Brexit & Women’s Rights

Today has undoubtedly been an incredibly momentous day in British history, as the news broke that Britain was to leave the EU after a nail-biting referendum. Whether you were in the ‘Remain’ or the ‘Leave’ camp, I think everyone can agree that we’ve all been hit with quite a shock.

While the immediate consequences of Brexit have been the crash of the British pound, the resignation of our Prime Minister and lots of bickering on Facebook, the question that dawned on me as the dust started to settle was how this was going to affect women.

  • Employment rights 

As an employment lawyer, I know that a large number of our rights at work are derived from and enshrined in EU directives, such as the right to maternity leave, the right not to suffer sex discrimination and the right to equal pay for equal work. While it would be very unlikely for the Government and employers to start reneging on the benefits and protections we have now grown accustomed to, it does raise serious questions about who exactly is going to be looking out for the best interests of women if we are an insular and self-serving nation with no accountability to a higher structure.


Will Brexit affect the pay gap?

Labour MP Harriet Harman raised similar concerns during the campaign stating, “We are not in a state of nirvana on women’s rights at any stretch of the imagination. With women it is two steps forward, one step back.
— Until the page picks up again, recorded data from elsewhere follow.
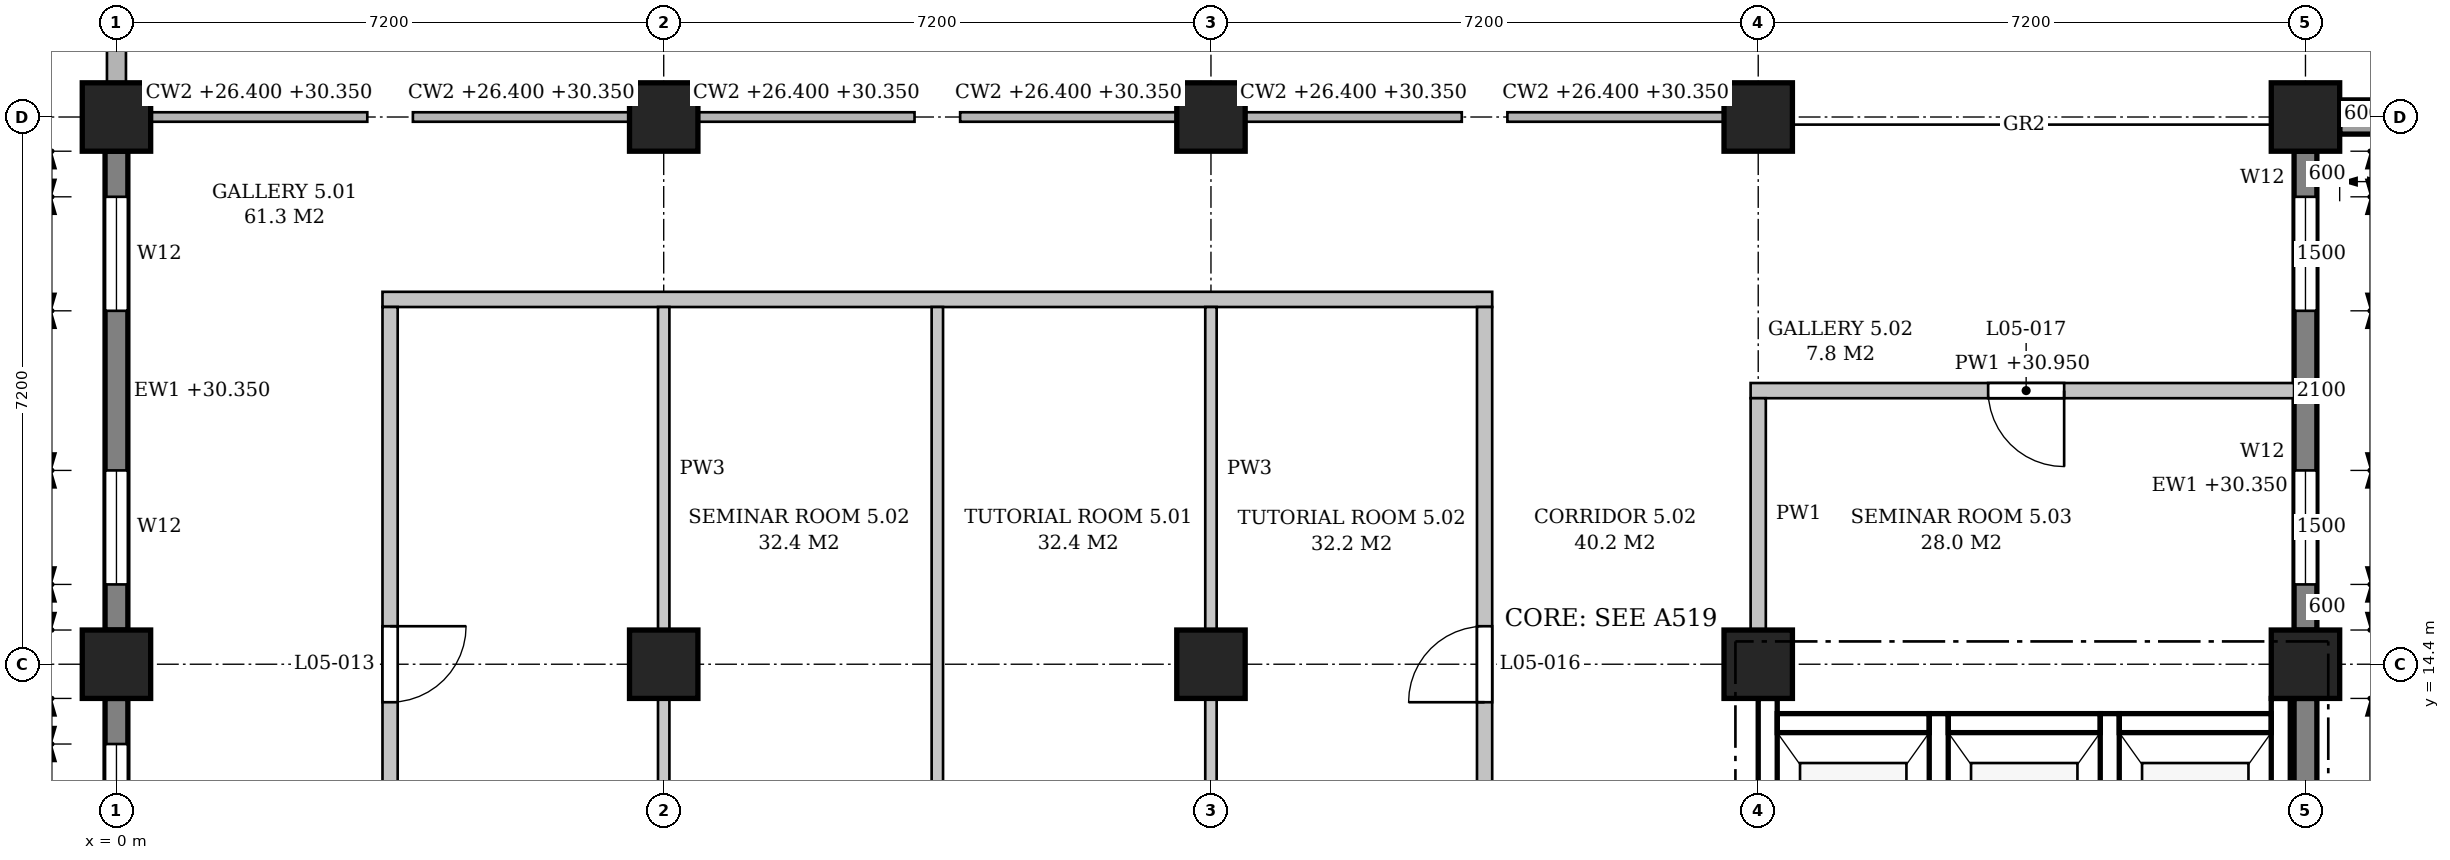
"""IFC4 building model, lengths in metres.
Left out: names, types, materials, properties, quantities, classifications, styles, units other than length and angle.
Written with IfcOpenShell. Run it as: python <this file> out.ifc"""

import sys

from ifc_helpers import new_model, si_unit, direction, frame, frame_2d, origin, origin_2d, place, context, subcontext, project, spatial, polyline, rectangle, outline, extrude, element, fill, save


model = new_model("IFC4")
c1 = context("Model", 3, precision=1e-05, world=origin(), true_north=direction((0.0, 1.0)))
c2 = subcontext(c1, "Body", "Model", "MODEL_VIEW")
j1 = project(units=[si_unit("LENGTHUNIT", "METRE"), si_unit("PLANEANGLEUNIT", "RADIAN")], contexts=[c1])
p1 = place(None, origin())
s1 = spatial("IfcSite", under=j1, at=p1, CompositionType="ELEMENT")
p2 = place(p1, origin())
s2 = spatial("IfcBuilding", under=s1, at=p2, CompositionType="ELEMENT")
p3 = place(p2, frame((0.0, 0.0, 26.4)))
s3 = spatial("IfcBuildingStorey", under=s2, at=p3, CompositionType="ELEMENT", Elevation=26.4)
for number, where, z_axis, x_axis in (
    (1, (0.0, 14.4, 0.0), (0.0, 0.0, 1.0), (1.0, 0.0, 0.0)),
    (2, (0.0, 21.6, 0.0), (0.0, 0.0, 1.0), (1.0, 0.0, 0.0)),
    (3, (7.2, 14.4, 0.0), (0.0, 0.0, 1.0), (1.0, 0.0, 0.0)),
    (4, (7.2, 21.6, 0.0), (0.0, 0.0, 1.0), (1.0, 0.0, 0.0)),
    (5, (14.4, 14.4, 0.0), (0.0, 0.0, 1.0), (1.0, 0.0, 0.0)),
    (6, (14.4, 21.6, 0.0), (0.0, 0.0, 1.0), (1.0, 0.0, 0.0)),
    (7, (21.6, 14.4, 0.0), (0.0, 0.0, 1.0), (1.0, 0.0, 0.0)),
    (8, (21.6, 21.6, 0.0), (0.0, 0.0, 1.0), (1.0, 0.0, 0.0)),
    (9, (28.8, 14.4, 0.0), (0.0, 0.0, 1.0), (1.0, 0.0, 0.0)),
    (10, (28.8, 21.6, 0.0), (0.0, 0.0, 1.0), (1.0, 0.0, 0.0)),
):
    element("IfcColumn", number, at=place(p3, frame(where, z_axis=z_axis, x_axis=x_axis)), inside=s3, PredefinedType="COLUMN", context=c2, shape_type="SweptSolid", body=[
        extrude(rectangle(XDim=0.9, YDim=0.9, at=origin_2d()), origin(), (0.0, 0.0, 1.0), 4.8),
    ])
p4 = place(p3, frame((0.0, 7.65, 0.0), z_axis=(0.0, 0.0, 1.0), x_axis=(0.0, 1.0, 0.0)))
e11 = element("IfcWall", 11, at=p4, inside=s3, PredefinedType="STANDARD", context=c2, shape_type="SweptSolid", body=[
    extrude(rectangle(XDim=6.3, YDim=0.3, at=frame_2d((3.15, 0.0))), origin(), (0.0, 0.0, 1.0), 3.95),
])
p5 = place(p4, frame((0.6, 0.0, 0.9)))
e12 = element("IfcOpeningElement", 12, at=p5, cuts=e11, PredefinedType="OPENING", context=c2, shape_type="SweptSolid", body=[
    extrude(outline(polyline([(0.0, 0.0), (1.5, 0.0), (1.5, 1.75), (0.75, 2.5), (0.0, 1.75), (0.0, 0.0)])), frame((0.0, 0.16, 0.0), z_axis=(0.0, -1.0, 0.0), x_axis=(1.0, 0.0, 0.0)), (0.0, 0.0, 1.0), 0.32),
])
p6 = place(p4, frame((4.2, 0.0, 0.9)))
e13 = element("IfcOpeningElement", 13, at=p6, cuts=e11, PredefinedType="OPENING", context=c2, shape_type="SweptSolid", body=[
    extrude(outline(polyline([(0.0, 0.0), (1.5, 0.0), (1.5, 1.75), (0.75, 2.5), (0.0, 1.75), (0.0, 0.0)])), frame((0.0, 0.16, 0.0), z_axis=(0.0, -1.0, 0.0), x_axis=(1.0, 0.0, 0.0)), (0.0, 0.0, 1.0), 0.32),
])
p7 = place(p3, frame((0.0, 14.85, 0.0), z_axis=(0.0, 0.0, 1.0), x_axis=(0.0, 1.0, 0.0)))
e14 = element("IfcWall", 14, at=p7, inside=s3, PredefinedType="STANDARD", context=c2, shape_type="SweptSolid", body=[
    extrude(rectangle(XDim=6.3, YDim=0.3, at=frame_2d((3.15, 0.0))), origin(), (0.0, 0.0, 1.0), 3.95),
])
p8 = place(p7, frame((0.6, 0.0, 0.9)))
e15 = element("IfcOpeningElement", 15, at=p8, cuts=e14, PredefinedType="OPENING", context=c2, shape_type="SweptSolid", body=[
    extrude(outline(polyline([(0.0, 0.0), (1.5, 0.0), (1.5, 1.75), (0.75, 2.5), (0.0, 1.75), (0.0, 0.0)])), frame((0.0, 0.16, 0.0), z_axis=(0.0, -1.0, 0.0), x_axis=(1.0, 0.0, 0.0)), (0.0, 0.0, 1.0), 0.32),
])
p9 = place(p7, frame((4.2, 0.0, 0.9)))
e16 = element("IfcOpeningElement", 16, at=p9, cuts=e14, PredefinedType="OPENING", context=c2, shape_type="SweptSolid", body=[
    extrude(outline(polyline([(0.0, 0.0), (1.5, 0.0), (1.5, 1.75), (0.75, 2.5), (0.0, 1.75), (0.0, 0.0)])), frame((0.0, 0.16, 0.0), z_axis=(0.0, -1.0, 0.0), x_axis=(1.0, 0.0, 0.0)), (0.0, 0.0, 1.0), 0.32),
])
p10 = place(p3, frame((28.8, 7.65, 0.0), z_axis=(0.0, 0.0, 1.0), x_axis=(0.0, 1.0, 0.0)))
e17 = element("IfcWall", 17, at=p10, inside=s3, PredefinedType="STANDARD", context=c2, shape_type="SweptSolid", body=[
    extrude(rectangle(XDim=6.3, YDim=0.3, at=frame_2d((3.15, 0.0))), origin(), (0.0, 0.0, 1.0), 3.95),
])
p11 = place(p10, frame((0.6, 0.0, 0.9)))
e18 = element("IfcOpeningElement", 18, at=p11, cuts=e17, PredefinedType="OPENING", context=c2, shape_type="SweptSolid", body=[
    extrude(outline(polyline([(0.0, 0.0), (1.5, 0.0), (1.5, 1.75), (0.75, 2.5), (0.0, 1.75), (0.0, 0.0)])), frame((0.0, 0.16, 0.0), z_axis=(0.0, -1.0, 0.0), x_axis=(1.0, 0.0, 0.0)), (0.0, 0.0, 1.0), 0.32),
])
p12 = place(p3, frame((28.8, 14.85, 0.0), z_axis=(0.0, 0.0, 1.0), x_axis=(0.0, 1.0, 0.0)))
e19 = element("IfcWall", 19, at=p12, inside=s3, PredefinedType="STANDARD", context=c2, shape_type="SweptSolid", body=[
    extrude(rectangle(XDim=6.3, YDim=0.3, at=frame_2d((3.15, 0.0))), origin(), (0.0, 0.0, 1.0), 3.95),
])
p13 = place(p12, frame((0.6, 0.0, 0.9)))
e20 = element("IfcOpeningElement", 20, at=p13, cuts=e19, PredefinedType="OPENING", context=c2, shape_type="SweptSolid", body=[
    extrude(outline(polyline([(0.0, 0.0), (1.5, 0.0), (1.5, 1.75), (0.75, 2.5), (0.0, 1.75), (0.0, 0.0)])), frame((0.0, 0.16, 0.0), z_axis=(0.0, -1.0, 0.0), x_axis=(1.0, 0.0, 0.0)), (0.0, 0.0, 1.0), 0.32),
])
p14 = place(p12, frame((4.2, 0.0, 0.9)))
e21 = element("IfcOpeningElement", 21, at=p14, cuts=e19, PredefinedType="OPENING", context=c2, shape_type="SweptSolid", body=[
    extrude(outline(polyline([(0.0, 0.0), (1.5, 0.0), (1.5, 1.75), (0.75, 2.5), (0.0, 1.75), (0.0, 0.0)])), frame((0.0, 0.16, 0.0), z_axis=(0.0, -1.0, 0.0), x_axis=(1.0, 0.0, 0.0)), (0.0, 0.0, 1.0), 0.32),
])
p15 = place(p3, frame((29.25, 21.6, 0.0), z_axis=(0.0, 0.0, 1.0), x_axis=(1.0, 0.0, 0.0)))
e22 = element("IfcWall", 22, at=p15, inside=s3, PredefinedType="STANDARD", context=c2, shape_type="SweptSolid", body=[
    extrude(rectangle(XDim=6.375, YDim=0.45, at=frame_2d((3.188, 0.0))), origin(), (0.0, 0.0, 1.0), 3.5),
])
p16 = place(p15, frame((0.6, 0.0, 0.9)))
e23 = element("IfcOpeningElement", 23, at=p16, cuts=e22, PredefinedType="OPENING", context=c2, shape_type="SweptSolid", body=[
    extrude(outline(polyline([(0.0, 0.0), (1.5, 0.0), (1.5, 1.75), (0.75, 2.5), (0.0, 1.75), (0.0, 0.0)])), frame((0.0, 0.235, 0.0), z_axis=(0.0, -1.0, 0.0), x_axis=(1.0, 0.0, 0.0)), (0.0, 0.0, 1.0), 0.47),
])
p17 = place(p15, frame((4.2, 0.0, 0.9)))
e24 = element("IfcOpeningElement", 24, at=p17, cuts=e22, PredefinedType="OPENING", context=c2, shape_type="SweptSolid", body=[
    extrude(outline(polyline([(0.0, 0.0), (1.5, 0.0), (1.5, 1.75), (0.75, 2.5), (0.0, 1.75), (0.0, 0.0)])), frame((0.0, 0.235, 0.0), z_axis=(0.0, -1.0, 0.0), x_axis=(1.0, 0.0, 0.0)), (0.0, 0.0, 1.0), 0.47),
])
p18 = place(p3, frame((21.725, 10.45, -0.25), z_axis=(0.0, 0.0, 1.0), x_axis=(0.0, 1.0, 0.0)))
e25 = element("IfcWall", 25, at=p18, inside=s3, PredefinedType="SHEAR", context=c2, shape_type="SweptSolid", body=[
    extrude(rectangle(XDim=3.5, YDim=0.25, at=frame_2d((1.75, 0.0))), origin(), (0.0, 0.0, 1.0), 4.05),
])
for number, where, z_axis, x_axis in (
    (26, (23.975, 10.45, -0.25), (0.0, 0.0, 1.0), (0.0, 1.0, 0.0)),
    (27, (26.225, 10.45, -0.25), (0.0, 0.0, 1.0), (0.0, 1.0, 0.0)),
):
    element("IfcWall", number, at=place(p3, frame(where, z_axis=z_axis, x_axis=x_axis)), inside=s3, PredefinedType="SHEAR", context=c2, shape_type="SweptSolid", body=[
        extrude(rectangle(XDim=3.3, YDim=0.25, at=frame_2d((1.65, 0.0))), origin(), (0.0, 0.0, 1.0), 4.8),
    ])
p19 = place(p3, frame((28.475, 10.45, -0.25), z_axis=(0.0, 0.0, 1.0), x_axis=(0.0, 1.0, 0.0)))
e28 = element("IfcWall", 28, at=p19, inside=s3, PredefinedType="SHEAR", context=c2, shape_type="SweptSolid", body=[
    extrude(rectangle(XDim=3.5, YDim=0.25, at=frame_2d((1.75, 0.0))), origin(), (0.0, 0.0, 1.0), 4.8),
])
for number, where, z_axis, x_axis in (
    (29, (21.85, 13.625, -0.25), (0.0, 0.0, 1.0), (1.0, 0.0, 0.0)),
    (30, (24.1, 13.625, -0.25), (0.0, 0.0, 1.0), (1.0, 0.0, 0.0)),
    (31, (26.35, 13.625, -0.25), (0.0, 0.0, 1.0), (1.0, 0.0, 0.0)),
):
    element("IfcWall", number, at=place(p3, frame(where, z_axis=z_axis, x_axis=x_axis)), inside=s3, PredefinedType="SHEAR", context=c2, shape_type="SweptSolid", body=[
        extrude(rectangle(XDim=2.0, YDim=0.25, at=frame_2d((1.0, 0.0))), origin(), (0.0, 0.0, 1.0), 4.8),
    ])
p20 = place(p3, frame((21.5, 18.0, 0.0), z_axis=(0.0, 0.0, 1.0), x_axis=(1.0, 0.0, 0.0)))
e32 = element("IfcWall", 32, at=p20, inside=s3, PredefinedType="PARTITIONING", context=c2, shape_type="SweptSolid", body=[
    extrude(outline(polyline([(0.0, 0.0), (7.15, 0.0), (7.15, 3.95), (7.05, 3.95), (7.05, 4.55), (0.35, 4.55), (0.35, 3.8), (0.0, 3.8), (0.0, 0.0)])), frame((0.0, 0.1, 0.0), z_axis=(0.0, -1.0, 0.0), x_axis=(1.0, 0.0, 0.0)), (0.0, 0.0, 1.0), 0.2),
])
p21 = place(p20, frame((3.125, 0.0, 0.0)))
e33 = element("IfcOpeningElement", 33, at=p21, cuts=e32, PredefinedType="OPENING", context=c2, shape_type="SweptSolid", body=[
    extrude(rectangle(XDim=1.0, YDim=2.1, at=frame_2d((0.5, 1.05))), frame((0.0, 0.11, 0.0), z_axis=(0.0, -1.0, 0.0), x_axis=(1.0, 0.0, 0.0)), (0.0, 0.0, 1.0), 0.22),
])
p22 = place(p3, frame((3.5, 19.2, 0.0), z_axis=(0.0, 0.0, 1.0), x_axis=(1.0, 0.0, 0.0)))
e34 = element("IfcWall", 34, at=p22, inside=s3, PredefinedType="PARTITIONING", context=c2, shape_type="SweptSolid", body=[
    extrude(outline(polyline([(0.0, 0.0), (14.6, 0.0), (14.6, 4.55), (11.15, 4.55), (11.15, 3.8), (10.65, 3.8), (10.65, 4.55), (3.95, 4.55), (3.95, 3.8), (3.45, 3.8), (3.45, 4.55), (0.0, 4.55), (0.0, 0.0)])), frame((0.0, 0.1, 0.0), z_axis=(0.0, -1.0, 0.0), x_axis=(1.0, 0.0, 0.0)), (0.0, 0.0, 1.0), 0.2),
])
p23 = place(p3, frame((3.6, 9.7, 0.0), z_axis=(0.0, 0.0, 1.0), x_axis=(0.0, 1.0, 0.0)))
e35 = element("IfcWall", 35, at=p23, inside=s3, PredefinedType="PARTITIONING", context=c2, shape_type="SweptSolid", body=[
    extrude(outline(polyline([(0.0, 0.0), (9.4, 0.0), (9.4, 4.55), (4.95, 4.55), (4.95, 3.8), (4.45, 3.8), (4.45, 4.55), (0.0, 4.55), (0.0, 0.0)])), frame((0.0, 0.1, 0.0), z_axis=(0.0, -1.0, 0.0), x_axis=(1.0, 0.0, 0.0)), (0.0, 0.0, 1.0), 0.2),
])
p24 = place(p23, frame((4.2, 0.0, 0.0)))
e36 = element("IfcOpeningElement", 36, at=p24, cuts=e35, PredefinedType="OPENING", context=c2, shape_type="SweptSolid", body=[
    extrude(rectangle(XDim=1.0, YDim=2.1, at=frame_2d((0.5, 1.05))), frame((0.0, 0.11, 0.0), z_axis=(0.0, -1.0, 0.0), x_axis=(1.0, 0.0, 0.0)), (0.0, 0.0, 1.0), 0.22),
])
for number, where, z_axis, x_axis in (
    (37, (7.2, 9.7, 0.0), (0.0, 0.0, 1.0), (0.0, 1.0, 0.0)),
    (38, (7.2, 14.85, 0.0), (0.0, 0.0, 1.0), (0.0, 1.0, 0.0)),
):
    element("IfcWall", number, at=place(p3, frame(where, z_axis=z_axis, x_axis=x_axis)), inside=s3, PredefinedType="PARTITIONING", context=c2, shape_type="SweptSolid", body=[
        extrude(rectangle(XDim=4.25, YDim=0.15, at=frame_2d((2.125, 0.0))), origin(), (0.0, 0.0, 1.0), 3.8),
    ])
p25 = place(p3, frame((10.8, 9.7, 0.0), z_axis=(0.0, 0.0, 1.0), x_axis=(0.0, 1.0, 0.0)))
e39 = element("IfcWall", 39, at=p25, inside=s3, PredefinedType="PARTITIONING", context=c2, shape_type="SweptSolid", body=[
    extrude(rectangle(XDim=9.4, YDim=0.15, at=frame_2d((4.7, 0.0))), origin(), (0.0, 0.0, 1.0), 3.8),
])
for number, where, z_axis, x_axis in (
    (40, (14.4, 9.7, 0.0), (0.0, 0.0, 1.0), (0.0, 1.0, 0.0)),
    (41, (14.4, 14.85, 0.0), (0.0, 0.0, 1.0), (0.0, 1.0, 0.0)),
):
    element("IfcWall", number, at=place(p3, frame(where, z_axis=z_axis, x_axis=x_axis)), inside=s3, PredefinedType="PARTITIONING", context=c2, shape_type="SweptSolid", body=[
        extrude(rectangle(XDim=4.25, YDim=0.15, at=frame_2d((2.125, 0.0))), origin(), (0.0, 0.0, 1.0), 3.8),
    ])
p26 = place(p3, frame((18.0, 9.7, 0.0), z_axis=(0.0, 0.0, 1.0), x_axis=(0.0, 1.0, 0.0)))
e42 = element("IfcWall", 42, at=p26, inside=s3, PredefinedType="PARTITIONING", context=c2, shape_type="SweptSolid", body=[
    extrude(outline(polyline([(0.0, 0.0), (9.4, 0.0), (9.4, 4.55), (4.95, 4.55), (4.95, 3.8), (4.45, 3.8), (4.45, 4.55), (0.0, 4.55), (0.0, 0.0)])), frame((0.0, 0.1, 0.0), z_axis=(0.0, -1.0, 0.0), x_axis=(1.0, 0.0, 0.0)), (0.0, 0.0, 1.0), 0.2),
])
p27 = place(p26, frame((4.2, 0.0, 0.0)))
e43 = element("IfcOpeningElement", 43, at=p27, cuts=e42, PredefinedType="OPENING", context=c2, shape_type="SweptSolid", body=[
    extrude(rectangle(XDim=1.0, YDim=2.1, at=frame_2d((0.5, 1.05))), frame((0.0, 0.11, 0.0), z_axis=(0.0, -1.0, 0.0), x_axis=(1.0, 0.0, 0.0)), (0.0, 0.0, 1.0), 0.22),
])
p28 = place(p3, frame((21.6, 14.85, 0.0), z_axis=(0.0, 0.0, 1.0), x_axis=(0.0, 1.0, 0.0)))
e44 = element("IfcWall", 44, at=p28, inside=s3, PredefinedType="PARTITIONING", context=c2, shape_type="SweptSolid", body=[
    extrude(rectangle(XDim=3.05, YDim=0.2, at=frame_2d((1.525, 0.0))), origin(), (0.0, 0.0, 1.0), 3.8),
])
p29 = place(p13, origin())
e45 = element("IfcWindow", 45, at=p29, inside=s3, PartitioningType="SINGLE_PANEL", PredefinedType="WINDOW", context=c2, shape_type="SweptSolid", body=[
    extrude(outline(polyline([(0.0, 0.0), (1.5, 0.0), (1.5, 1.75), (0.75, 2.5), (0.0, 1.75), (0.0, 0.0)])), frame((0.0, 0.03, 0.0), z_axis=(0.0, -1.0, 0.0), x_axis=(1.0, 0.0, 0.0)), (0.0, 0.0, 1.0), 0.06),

We have to be careful this isn’t a major step back.”

It is important to acknowledge how much the EU has helped women’s rights, because we were not able to rely on our own parties to provide what women were so desperately seeking . “It is a paradox. The EU is as every bit woefully male-dominated as our own politics here…But Europe was an incredible strength to our elbow, because someone was agreeing with us. Because we couldn’t just be brushed aside.”

  • Violence against women 

While the rights of women in the workplace are hugely important, another issue to consider is the potential impact of Brexit on women’s physical safety.

The statistics on human trafficking show that 80% of its victims are women; something which the EU continues to tackle with the Anti-Trafficking Directive. When this was implemented in 2011, it sought to create a multinational framework of protection through support, prevention and a goal to fight the problem at grassroots level.

One of the most prevalent arguments for the ‘Leave’ campaign during this referendum was immigration. The recent ‘migrant crisis’ has seen refugees fleeing unimaginable suffering and hardship in the search for safety and a brighter future.

The leader of the Women’s Equality Party, Sophie Walker, wrote today, “Within the new catch-all term ‘migrant’, there are women fleeing persecution, violence and human rights violations and many of them have come to Britain for the chance of a new beginning. Let us not close our doors to them. Let us instead make our country the kind of place where they can thrive, where their gender does not limit their right to safety, to employment, and to a home.” 


Sophie Walker

It’s unfortunately well known that the group which suffers the most during times of war is women. Displacement and poverty are important factors in this, but there are also more gender specific issues such as sexual violence and pregnancy to take into account. Like many, I now fear that our closing borders will mean that helping these women is going to be a bigger challenge than ever.

  • Power for women 

Thanks to the EU, several initiatives have meant that women have had the opportunity to get into science, technology and entrepreneurship. This has enabled women to enter the labour market, something which would obviously benefit the world economy if it were able to happen globally. Not only this, the very existence of the EU has raised the question of female representation in politics.  Since 2003, the European Commission has spent considerable time questioning and analysing how gender parity has progressed and has encouraged women to be placed in decision making positions.

For those who, like me, were hoping that Britain would remain in the EU, it can be easy to feel negative about the result. However, after a day of dwelling on disappointment it is important to see what positives we can find in this situation.

Breaking off from the EU will mean that there are going to be a lot of changes going on in our country. The fallout from this outcome will mean that a great number of decisions will need to be made, as our country recovers and seeks new leadership. Could this finally be an opportunity for women to get involved in important decision making and help to create a new Britain which is a step closer to equality? A happy Britain is going to be one where all sectors of society feel that their needs are being met. Surely that means that we need diversity at the very table where these changes are going to be made?


I know I speak for a lot of people when I say that I still consider myself a citizen of Europe. While we will never get rid of borders, we all exist as one human race. While there will always be things that separate us and make us different, our similarities will connect us. While we may have been divided in everything from politics to geography today, I still believe that we are better off united. The world’s problems cannot be solved unless we learn to put our differences aside and tolerance, love and respect first. Whatever has happened today, I still have hope for the future of equality.